Él no buscó ese puesto, de hecho, huyó de él durante un año. Prefería el trato directo con los enfermos, buscar un hueco en sus mentes para colarse y arrojar alguna luz en sus tinieblas. Se educó en una familia acomodada de siete hermanos. Él era el más pequeño. Su disciplinada y rígida educación se la debía a su padre, y su exquisita sensibilidad a su madre.

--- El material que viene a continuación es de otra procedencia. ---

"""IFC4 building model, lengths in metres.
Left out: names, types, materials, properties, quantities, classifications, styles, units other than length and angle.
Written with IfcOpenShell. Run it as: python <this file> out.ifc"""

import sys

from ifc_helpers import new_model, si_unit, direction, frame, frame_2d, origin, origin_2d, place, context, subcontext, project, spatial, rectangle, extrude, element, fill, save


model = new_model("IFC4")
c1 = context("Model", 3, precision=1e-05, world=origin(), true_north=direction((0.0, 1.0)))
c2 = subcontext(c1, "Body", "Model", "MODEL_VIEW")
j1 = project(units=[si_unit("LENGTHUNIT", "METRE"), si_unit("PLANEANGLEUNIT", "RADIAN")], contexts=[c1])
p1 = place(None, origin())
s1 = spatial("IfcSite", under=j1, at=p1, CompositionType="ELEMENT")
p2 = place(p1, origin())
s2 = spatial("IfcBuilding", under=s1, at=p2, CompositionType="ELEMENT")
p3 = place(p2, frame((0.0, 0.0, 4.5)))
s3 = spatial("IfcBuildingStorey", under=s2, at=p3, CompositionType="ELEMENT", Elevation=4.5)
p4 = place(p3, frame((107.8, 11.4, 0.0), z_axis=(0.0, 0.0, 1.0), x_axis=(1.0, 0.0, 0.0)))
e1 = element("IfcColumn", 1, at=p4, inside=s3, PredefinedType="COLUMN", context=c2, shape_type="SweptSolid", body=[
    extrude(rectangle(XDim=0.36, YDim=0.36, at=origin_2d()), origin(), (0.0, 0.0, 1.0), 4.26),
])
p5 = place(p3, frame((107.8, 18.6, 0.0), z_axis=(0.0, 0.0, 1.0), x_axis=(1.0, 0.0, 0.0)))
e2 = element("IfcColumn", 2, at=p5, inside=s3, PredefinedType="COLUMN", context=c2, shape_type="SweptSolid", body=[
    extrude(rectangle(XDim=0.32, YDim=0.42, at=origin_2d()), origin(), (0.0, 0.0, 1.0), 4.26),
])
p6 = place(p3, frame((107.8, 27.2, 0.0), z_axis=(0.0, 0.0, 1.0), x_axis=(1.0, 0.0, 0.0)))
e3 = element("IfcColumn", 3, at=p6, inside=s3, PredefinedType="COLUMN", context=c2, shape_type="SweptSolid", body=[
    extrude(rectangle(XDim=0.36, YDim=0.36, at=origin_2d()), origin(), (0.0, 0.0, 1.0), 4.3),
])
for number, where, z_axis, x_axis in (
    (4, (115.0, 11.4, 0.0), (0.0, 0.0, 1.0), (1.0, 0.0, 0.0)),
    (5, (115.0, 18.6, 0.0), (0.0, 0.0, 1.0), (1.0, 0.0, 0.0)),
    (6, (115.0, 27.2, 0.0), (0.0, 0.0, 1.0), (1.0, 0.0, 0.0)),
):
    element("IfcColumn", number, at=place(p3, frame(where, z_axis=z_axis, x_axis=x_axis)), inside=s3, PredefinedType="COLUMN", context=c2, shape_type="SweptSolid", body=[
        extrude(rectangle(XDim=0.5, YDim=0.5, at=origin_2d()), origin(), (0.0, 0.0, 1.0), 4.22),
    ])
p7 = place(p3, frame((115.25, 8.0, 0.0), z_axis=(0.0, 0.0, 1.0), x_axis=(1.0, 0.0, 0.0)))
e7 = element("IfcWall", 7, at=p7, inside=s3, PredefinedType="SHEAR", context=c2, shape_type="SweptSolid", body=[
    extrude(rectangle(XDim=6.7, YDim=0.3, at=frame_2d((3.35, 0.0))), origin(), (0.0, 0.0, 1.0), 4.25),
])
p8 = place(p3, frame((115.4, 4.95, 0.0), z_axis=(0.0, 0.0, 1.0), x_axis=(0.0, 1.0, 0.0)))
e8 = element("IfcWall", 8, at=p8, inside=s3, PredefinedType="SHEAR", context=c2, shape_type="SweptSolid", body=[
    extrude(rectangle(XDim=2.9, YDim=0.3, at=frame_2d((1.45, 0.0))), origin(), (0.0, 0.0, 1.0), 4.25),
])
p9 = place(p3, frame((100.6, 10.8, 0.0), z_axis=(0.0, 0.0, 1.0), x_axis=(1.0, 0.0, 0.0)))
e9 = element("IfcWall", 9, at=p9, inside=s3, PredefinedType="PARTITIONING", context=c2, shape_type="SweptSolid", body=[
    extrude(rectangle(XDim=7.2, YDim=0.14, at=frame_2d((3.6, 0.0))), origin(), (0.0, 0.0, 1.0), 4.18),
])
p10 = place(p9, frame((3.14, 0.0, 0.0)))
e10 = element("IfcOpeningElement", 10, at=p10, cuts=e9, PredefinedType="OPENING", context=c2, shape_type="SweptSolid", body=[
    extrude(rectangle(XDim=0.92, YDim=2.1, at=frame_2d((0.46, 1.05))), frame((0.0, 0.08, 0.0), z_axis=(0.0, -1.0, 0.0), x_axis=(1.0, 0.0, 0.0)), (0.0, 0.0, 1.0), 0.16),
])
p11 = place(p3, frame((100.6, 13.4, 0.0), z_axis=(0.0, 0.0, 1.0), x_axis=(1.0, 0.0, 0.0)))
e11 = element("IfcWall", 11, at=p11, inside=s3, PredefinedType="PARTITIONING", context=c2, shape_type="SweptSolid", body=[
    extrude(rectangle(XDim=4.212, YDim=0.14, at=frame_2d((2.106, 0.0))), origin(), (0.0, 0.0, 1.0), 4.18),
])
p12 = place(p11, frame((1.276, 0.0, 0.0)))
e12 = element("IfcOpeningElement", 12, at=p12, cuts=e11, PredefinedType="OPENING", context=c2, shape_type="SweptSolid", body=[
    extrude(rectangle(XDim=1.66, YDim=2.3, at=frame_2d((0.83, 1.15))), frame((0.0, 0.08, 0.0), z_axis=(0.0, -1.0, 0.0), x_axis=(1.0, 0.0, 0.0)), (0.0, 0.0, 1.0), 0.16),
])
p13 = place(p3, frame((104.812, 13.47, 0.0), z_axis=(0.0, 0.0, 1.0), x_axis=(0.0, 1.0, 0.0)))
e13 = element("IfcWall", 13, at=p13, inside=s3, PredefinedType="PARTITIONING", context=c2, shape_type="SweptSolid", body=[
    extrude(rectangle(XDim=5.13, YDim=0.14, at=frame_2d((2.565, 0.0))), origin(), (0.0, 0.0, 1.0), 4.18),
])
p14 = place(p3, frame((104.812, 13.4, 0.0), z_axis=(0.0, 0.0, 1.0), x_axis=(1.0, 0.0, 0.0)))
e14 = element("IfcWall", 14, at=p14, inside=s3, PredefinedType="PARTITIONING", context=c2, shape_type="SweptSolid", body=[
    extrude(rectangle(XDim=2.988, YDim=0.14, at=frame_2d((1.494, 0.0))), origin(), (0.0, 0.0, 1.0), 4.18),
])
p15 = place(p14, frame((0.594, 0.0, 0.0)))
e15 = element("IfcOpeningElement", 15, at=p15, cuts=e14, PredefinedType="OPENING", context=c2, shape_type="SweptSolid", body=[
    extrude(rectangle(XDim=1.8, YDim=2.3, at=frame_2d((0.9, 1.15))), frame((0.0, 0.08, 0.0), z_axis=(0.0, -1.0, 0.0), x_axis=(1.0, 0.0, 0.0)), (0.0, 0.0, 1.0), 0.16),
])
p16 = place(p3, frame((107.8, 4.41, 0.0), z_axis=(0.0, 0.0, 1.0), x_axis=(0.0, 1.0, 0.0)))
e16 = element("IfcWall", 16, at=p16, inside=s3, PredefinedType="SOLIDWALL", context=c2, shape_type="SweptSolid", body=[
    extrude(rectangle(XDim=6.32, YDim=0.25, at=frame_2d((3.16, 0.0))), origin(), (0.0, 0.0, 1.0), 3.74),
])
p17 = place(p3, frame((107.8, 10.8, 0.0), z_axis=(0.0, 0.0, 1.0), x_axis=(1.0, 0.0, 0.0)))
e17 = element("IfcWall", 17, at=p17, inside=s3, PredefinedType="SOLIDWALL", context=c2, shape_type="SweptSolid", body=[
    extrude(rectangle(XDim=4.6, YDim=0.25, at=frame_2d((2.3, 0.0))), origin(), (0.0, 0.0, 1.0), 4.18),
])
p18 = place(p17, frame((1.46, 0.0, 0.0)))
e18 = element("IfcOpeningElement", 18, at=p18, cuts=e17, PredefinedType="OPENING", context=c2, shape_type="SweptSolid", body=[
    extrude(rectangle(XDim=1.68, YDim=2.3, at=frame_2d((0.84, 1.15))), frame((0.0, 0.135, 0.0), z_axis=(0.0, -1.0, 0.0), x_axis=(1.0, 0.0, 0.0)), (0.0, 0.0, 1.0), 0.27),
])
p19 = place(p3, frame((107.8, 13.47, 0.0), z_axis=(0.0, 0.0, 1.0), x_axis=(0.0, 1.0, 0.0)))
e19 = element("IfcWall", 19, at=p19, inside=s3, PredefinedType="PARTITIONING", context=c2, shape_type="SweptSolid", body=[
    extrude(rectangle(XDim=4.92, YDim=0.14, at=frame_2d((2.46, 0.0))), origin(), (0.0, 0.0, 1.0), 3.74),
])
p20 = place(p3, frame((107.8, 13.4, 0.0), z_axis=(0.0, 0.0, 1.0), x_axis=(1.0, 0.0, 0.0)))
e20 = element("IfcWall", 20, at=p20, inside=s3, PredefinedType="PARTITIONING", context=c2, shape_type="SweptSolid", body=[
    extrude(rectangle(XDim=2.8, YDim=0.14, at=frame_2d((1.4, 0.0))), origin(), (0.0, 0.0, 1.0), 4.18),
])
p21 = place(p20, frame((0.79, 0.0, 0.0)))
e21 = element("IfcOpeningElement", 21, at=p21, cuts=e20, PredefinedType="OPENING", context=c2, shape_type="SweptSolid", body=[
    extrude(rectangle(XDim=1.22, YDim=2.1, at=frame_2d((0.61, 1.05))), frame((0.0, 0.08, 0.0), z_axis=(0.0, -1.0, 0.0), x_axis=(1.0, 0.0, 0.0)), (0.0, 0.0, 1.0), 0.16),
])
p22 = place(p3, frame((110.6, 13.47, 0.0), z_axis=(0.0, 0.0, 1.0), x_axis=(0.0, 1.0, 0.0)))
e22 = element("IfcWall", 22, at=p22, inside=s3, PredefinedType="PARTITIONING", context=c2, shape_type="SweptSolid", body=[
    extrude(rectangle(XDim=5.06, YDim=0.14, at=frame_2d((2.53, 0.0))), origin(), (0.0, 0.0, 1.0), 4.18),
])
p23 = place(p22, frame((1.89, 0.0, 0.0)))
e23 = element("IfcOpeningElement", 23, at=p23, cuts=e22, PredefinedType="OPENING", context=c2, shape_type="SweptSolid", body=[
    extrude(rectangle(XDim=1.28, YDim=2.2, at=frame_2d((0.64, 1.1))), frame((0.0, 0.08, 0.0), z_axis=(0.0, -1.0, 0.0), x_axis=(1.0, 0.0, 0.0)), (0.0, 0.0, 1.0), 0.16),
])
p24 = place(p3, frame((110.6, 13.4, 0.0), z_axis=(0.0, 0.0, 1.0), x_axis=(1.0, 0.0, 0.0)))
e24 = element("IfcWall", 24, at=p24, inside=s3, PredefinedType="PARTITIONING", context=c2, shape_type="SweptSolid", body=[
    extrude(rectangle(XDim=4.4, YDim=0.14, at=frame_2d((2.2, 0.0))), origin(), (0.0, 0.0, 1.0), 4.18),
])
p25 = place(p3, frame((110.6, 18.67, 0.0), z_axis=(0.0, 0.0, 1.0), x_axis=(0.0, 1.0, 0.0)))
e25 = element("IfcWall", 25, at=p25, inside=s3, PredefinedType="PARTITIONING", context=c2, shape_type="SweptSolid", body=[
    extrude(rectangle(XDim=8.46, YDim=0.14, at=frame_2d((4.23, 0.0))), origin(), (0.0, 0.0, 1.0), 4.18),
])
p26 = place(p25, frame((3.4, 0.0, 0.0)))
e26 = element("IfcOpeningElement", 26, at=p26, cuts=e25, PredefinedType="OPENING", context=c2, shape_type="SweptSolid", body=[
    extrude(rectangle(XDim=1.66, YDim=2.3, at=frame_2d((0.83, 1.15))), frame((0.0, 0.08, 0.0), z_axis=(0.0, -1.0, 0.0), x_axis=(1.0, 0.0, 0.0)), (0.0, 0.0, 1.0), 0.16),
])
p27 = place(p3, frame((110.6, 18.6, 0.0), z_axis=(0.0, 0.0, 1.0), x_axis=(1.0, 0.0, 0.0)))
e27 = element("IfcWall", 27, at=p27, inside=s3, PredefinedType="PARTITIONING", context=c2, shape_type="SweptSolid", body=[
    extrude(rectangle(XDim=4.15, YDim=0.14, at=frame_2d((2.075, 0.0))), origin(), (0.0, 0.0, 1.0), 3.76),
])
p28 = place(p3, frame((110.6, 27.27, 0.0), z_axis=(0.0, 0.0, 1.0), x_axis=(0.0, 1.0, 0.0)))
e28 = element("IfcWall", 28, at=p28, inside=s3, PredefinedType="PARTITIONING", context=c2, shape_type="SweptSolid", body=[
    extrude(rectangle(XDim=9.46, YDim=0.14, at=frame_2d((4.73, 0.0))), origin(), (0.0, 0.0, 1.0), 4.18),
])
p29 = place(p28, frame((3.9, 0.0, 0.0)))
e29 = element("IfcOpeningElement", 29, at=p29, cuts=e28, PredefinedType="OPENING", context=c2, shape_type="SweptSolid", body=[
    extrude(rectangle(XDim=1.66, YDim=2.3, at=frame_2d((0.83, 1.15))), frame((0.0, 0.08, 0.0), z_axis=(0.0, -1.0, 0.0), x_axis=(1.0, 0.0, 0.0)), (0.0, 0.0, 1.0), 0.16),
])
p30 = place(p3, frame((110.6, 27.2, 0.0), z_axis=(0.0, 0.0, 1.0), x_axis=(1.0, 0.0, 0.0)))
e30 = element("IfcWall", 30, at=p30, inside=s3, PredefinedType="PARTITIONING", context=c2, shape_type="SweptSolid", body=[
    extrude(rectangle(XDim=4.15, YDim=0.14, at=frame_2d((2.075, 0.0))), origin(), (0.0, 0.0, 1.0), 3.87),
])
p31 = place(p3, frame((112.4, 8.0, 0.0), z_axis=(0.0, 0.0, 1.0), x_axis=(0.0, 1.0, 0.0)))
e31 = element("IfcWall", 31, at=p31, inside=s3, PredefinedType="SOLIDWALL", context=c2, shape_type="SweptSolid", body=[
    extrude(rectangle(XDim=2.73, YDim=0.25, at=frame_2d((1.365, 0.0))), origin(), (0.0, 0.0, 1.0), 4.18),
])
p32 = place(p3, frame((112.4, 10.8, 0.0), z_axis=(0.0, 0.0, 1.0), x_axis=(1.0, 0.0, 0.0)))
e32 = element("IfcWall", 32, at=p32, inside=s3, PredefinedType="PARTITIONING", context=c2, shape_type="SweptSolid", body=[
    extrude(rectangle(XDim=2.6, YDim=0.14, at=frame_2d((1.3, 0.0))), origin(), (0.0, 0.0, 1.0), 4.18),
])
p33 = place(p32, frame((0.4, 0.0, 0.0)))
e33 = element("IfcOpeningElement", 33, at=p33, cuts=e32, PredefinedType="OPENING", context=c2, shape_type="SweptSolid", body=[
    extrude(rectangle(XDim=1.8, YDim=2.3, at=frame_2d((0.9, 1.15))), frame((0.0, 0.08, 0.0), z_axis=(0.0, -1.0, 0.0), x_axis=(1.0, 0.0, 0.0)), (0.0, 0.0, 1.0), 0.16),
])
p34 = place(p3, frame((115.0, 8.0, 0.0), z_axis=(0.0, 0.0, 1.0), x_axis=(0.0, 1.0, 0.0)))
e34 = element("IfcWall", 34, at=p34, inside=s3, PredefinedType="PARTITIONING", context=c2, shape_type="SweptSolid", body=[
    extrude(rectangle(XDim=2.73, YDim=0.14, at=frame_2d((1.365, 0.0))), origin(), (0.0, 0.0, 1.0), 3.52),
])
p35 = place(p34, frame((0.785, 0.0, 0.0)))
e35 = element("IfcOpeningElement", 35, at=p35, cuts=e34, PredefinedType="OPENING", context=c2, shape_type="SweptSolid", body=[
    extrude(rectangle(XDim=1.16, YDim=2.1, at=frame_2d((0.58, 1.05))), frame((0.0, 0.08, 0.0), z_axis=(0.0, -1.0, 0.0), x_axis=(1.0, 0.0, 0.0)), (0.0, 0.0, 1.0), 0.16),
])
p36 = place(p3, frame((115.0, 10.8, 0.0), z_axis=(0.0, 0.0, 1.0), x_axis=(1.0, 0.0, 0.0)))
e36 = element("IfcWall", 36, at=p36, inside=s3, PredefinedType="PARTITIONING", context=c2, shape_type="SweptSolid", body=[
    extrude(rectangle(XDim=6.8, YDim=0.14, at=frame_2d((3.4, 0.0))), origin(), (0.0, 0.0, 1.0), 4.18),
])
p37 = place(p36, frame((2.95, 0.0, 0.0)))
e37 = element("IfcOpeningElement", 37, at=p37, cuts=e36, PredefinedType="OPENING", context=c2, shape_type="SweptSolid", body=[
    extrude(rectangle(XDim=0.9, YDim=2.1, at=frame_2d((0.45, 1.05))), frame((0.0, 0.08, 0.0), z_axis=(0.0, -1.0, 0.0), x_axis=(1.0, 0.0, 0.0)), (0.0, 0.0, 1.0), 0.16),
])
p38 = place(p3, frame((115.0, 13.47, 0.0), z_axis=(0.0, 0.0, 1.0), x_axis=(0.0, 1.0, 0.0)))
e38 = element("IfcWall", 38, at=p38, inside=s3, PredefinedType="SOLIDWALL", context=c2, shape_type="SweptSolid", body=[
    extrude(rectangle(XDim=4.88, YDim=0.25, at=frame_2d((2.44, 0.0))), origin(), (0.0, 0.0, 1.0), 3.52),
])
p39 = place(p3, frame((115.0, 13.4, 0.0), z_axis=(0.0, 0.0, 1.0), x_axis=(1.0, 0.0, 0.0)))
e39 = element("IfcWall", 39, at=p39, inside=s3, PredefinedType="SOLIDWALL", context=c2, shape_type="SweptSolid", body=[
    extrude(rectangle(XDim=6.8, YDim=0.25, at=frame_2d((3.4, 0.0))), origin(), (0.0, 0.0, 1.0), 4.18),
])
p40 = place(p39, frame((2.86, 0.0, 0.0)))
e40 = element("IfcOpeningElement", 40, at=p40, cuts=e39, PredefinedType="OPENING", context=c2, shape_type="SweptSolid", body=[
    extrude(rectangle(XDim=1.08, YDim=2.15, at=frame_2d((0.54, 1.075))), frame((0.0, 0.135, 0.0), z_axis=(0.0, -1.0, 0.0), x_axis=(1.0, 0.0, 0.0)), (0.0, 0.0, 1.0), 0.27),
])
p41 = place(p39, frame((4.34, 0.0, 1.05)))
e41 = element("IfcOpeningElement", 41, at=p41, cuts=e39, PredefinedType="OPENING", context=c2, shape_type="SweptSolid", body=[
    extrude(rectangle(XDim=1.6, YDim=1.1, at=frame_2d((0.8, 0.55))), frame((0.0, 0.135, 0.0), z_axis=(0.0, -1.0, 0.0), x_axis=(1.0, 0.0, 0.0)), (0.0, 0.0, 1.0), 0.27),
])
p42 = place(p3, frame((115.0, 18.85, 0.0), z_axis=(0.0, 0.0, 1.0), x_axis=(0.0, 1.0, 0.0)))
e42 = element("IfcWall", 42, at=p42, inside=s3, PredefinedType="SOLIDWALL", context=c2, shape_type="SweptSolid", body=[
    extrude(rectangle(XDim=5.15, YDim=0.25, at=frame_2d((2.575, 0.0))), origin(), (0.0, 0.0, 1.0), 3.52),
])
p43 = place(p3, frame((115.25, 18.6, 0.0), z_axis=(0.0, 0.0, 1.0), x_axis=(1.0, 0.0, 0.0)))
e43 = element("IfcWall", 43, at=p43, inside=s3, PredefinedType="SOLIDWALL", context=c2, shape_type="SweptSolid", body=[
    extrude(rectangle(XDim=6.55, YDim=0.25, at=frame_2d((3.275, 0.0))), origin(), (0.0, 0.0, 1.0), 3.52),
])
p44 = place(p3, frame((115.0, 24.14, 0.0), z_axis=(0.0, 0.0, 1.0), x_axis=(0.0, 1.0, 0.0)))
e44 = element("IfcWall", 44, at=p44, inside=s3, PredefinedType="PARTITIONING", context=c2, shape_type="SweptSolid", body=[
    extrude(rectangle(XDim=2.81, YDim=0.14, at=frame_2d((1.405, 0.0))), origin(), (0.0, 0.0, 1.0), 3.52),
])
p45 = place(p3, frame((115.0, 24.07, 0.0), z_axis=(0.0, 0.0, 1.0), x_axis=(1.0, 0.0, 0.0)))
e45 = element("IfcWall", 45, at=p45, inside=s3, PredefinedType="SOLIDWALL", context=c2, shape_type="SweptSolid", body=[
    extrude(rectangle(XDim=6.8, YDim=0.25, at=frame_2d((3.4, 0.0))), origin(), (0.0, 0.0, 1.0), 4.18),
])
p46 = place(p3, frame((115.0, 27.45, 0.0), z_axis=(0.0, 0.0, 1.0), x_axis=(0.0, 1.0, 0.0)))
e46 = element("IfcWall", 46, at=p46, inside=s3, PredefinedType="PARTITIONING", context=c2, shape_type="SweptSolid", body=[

Contaba sólo siete años cuando Rosario, su madre, comenzó a encerrarse en sí misma y desconectar con todo su entorno. Dejó de poner flores frescas en los jarrones, de levantar a los pequeños para mandarlos al colegio, desaparecía a cualquier hora para tenderse en la cama y aislarse de todo…, hasta abandonó su afición por el piano. Poco después dejó de llamarse Rosario para ser la loca del Alamillo, nombre de la villa donde vivían. Don Andrés se negó a aceptar la enfermedad de su esposa y, lejos de ayudarla, hizo lo posible para olvidar su existencia y que el escrupuloso orden del hogar sobreviviera al margen de ella. Era Toñito, como ella lo llamaba con la desaprobación de su esposo, el único que, sin comprender siquiera por qué su madre había desertado de la misión de cuidarlo, seguía queriéndola. El resto de sus hermanos, cuando comprobaron que su verdadera madre se había marchado, decidieron tratarla como a una molesta invitada. Sin embargo, él dedicaba todos los días un rato a hacerle compañía, era capaz de encontrarla tras sus ojos vacíos, y ella, a su manera, le correspondía, dedicándole una sola lágrima o una leve sonrisa. Cuando terminaba sus deberes de la tarde, corría al dormitorio de su madre y se metía bajo las sábanas para sentir su calor. Toñito sabía que él era el fino hilo que la mantenía conectada con el mundo y, de alguna manera, aunque pensaba como un niño, se sentía orgulloso de su misión. La tristeza y el abandono del esposo, acabaron con la vida de Rosario cuando Antonio tenía quince años. Fue entonces cuando sintió su verdadera vocación y decidió ser el primer médico de la larga lista de abogados de su familia.
El caso de Lucía le tocaba especialmente el corazón, tenía gran similitud con el de su madre. Había tratado un par de casos parecidos y a duras penas había conseguido separar lo personal de lo profesional. La situación de la pequeña lo sobrepasaba: era una niña, y sus ojos lo habían hechizado, como a tantos otros, desde el primer día. Estaba poniendo en peligro su reputación y su puesto, aunque esto último le importaba muy poco. Su capacidad para dirigir un hospital de tal categoría estaba en tela de juicio en los más prestigiosos foros de la psiquiatría.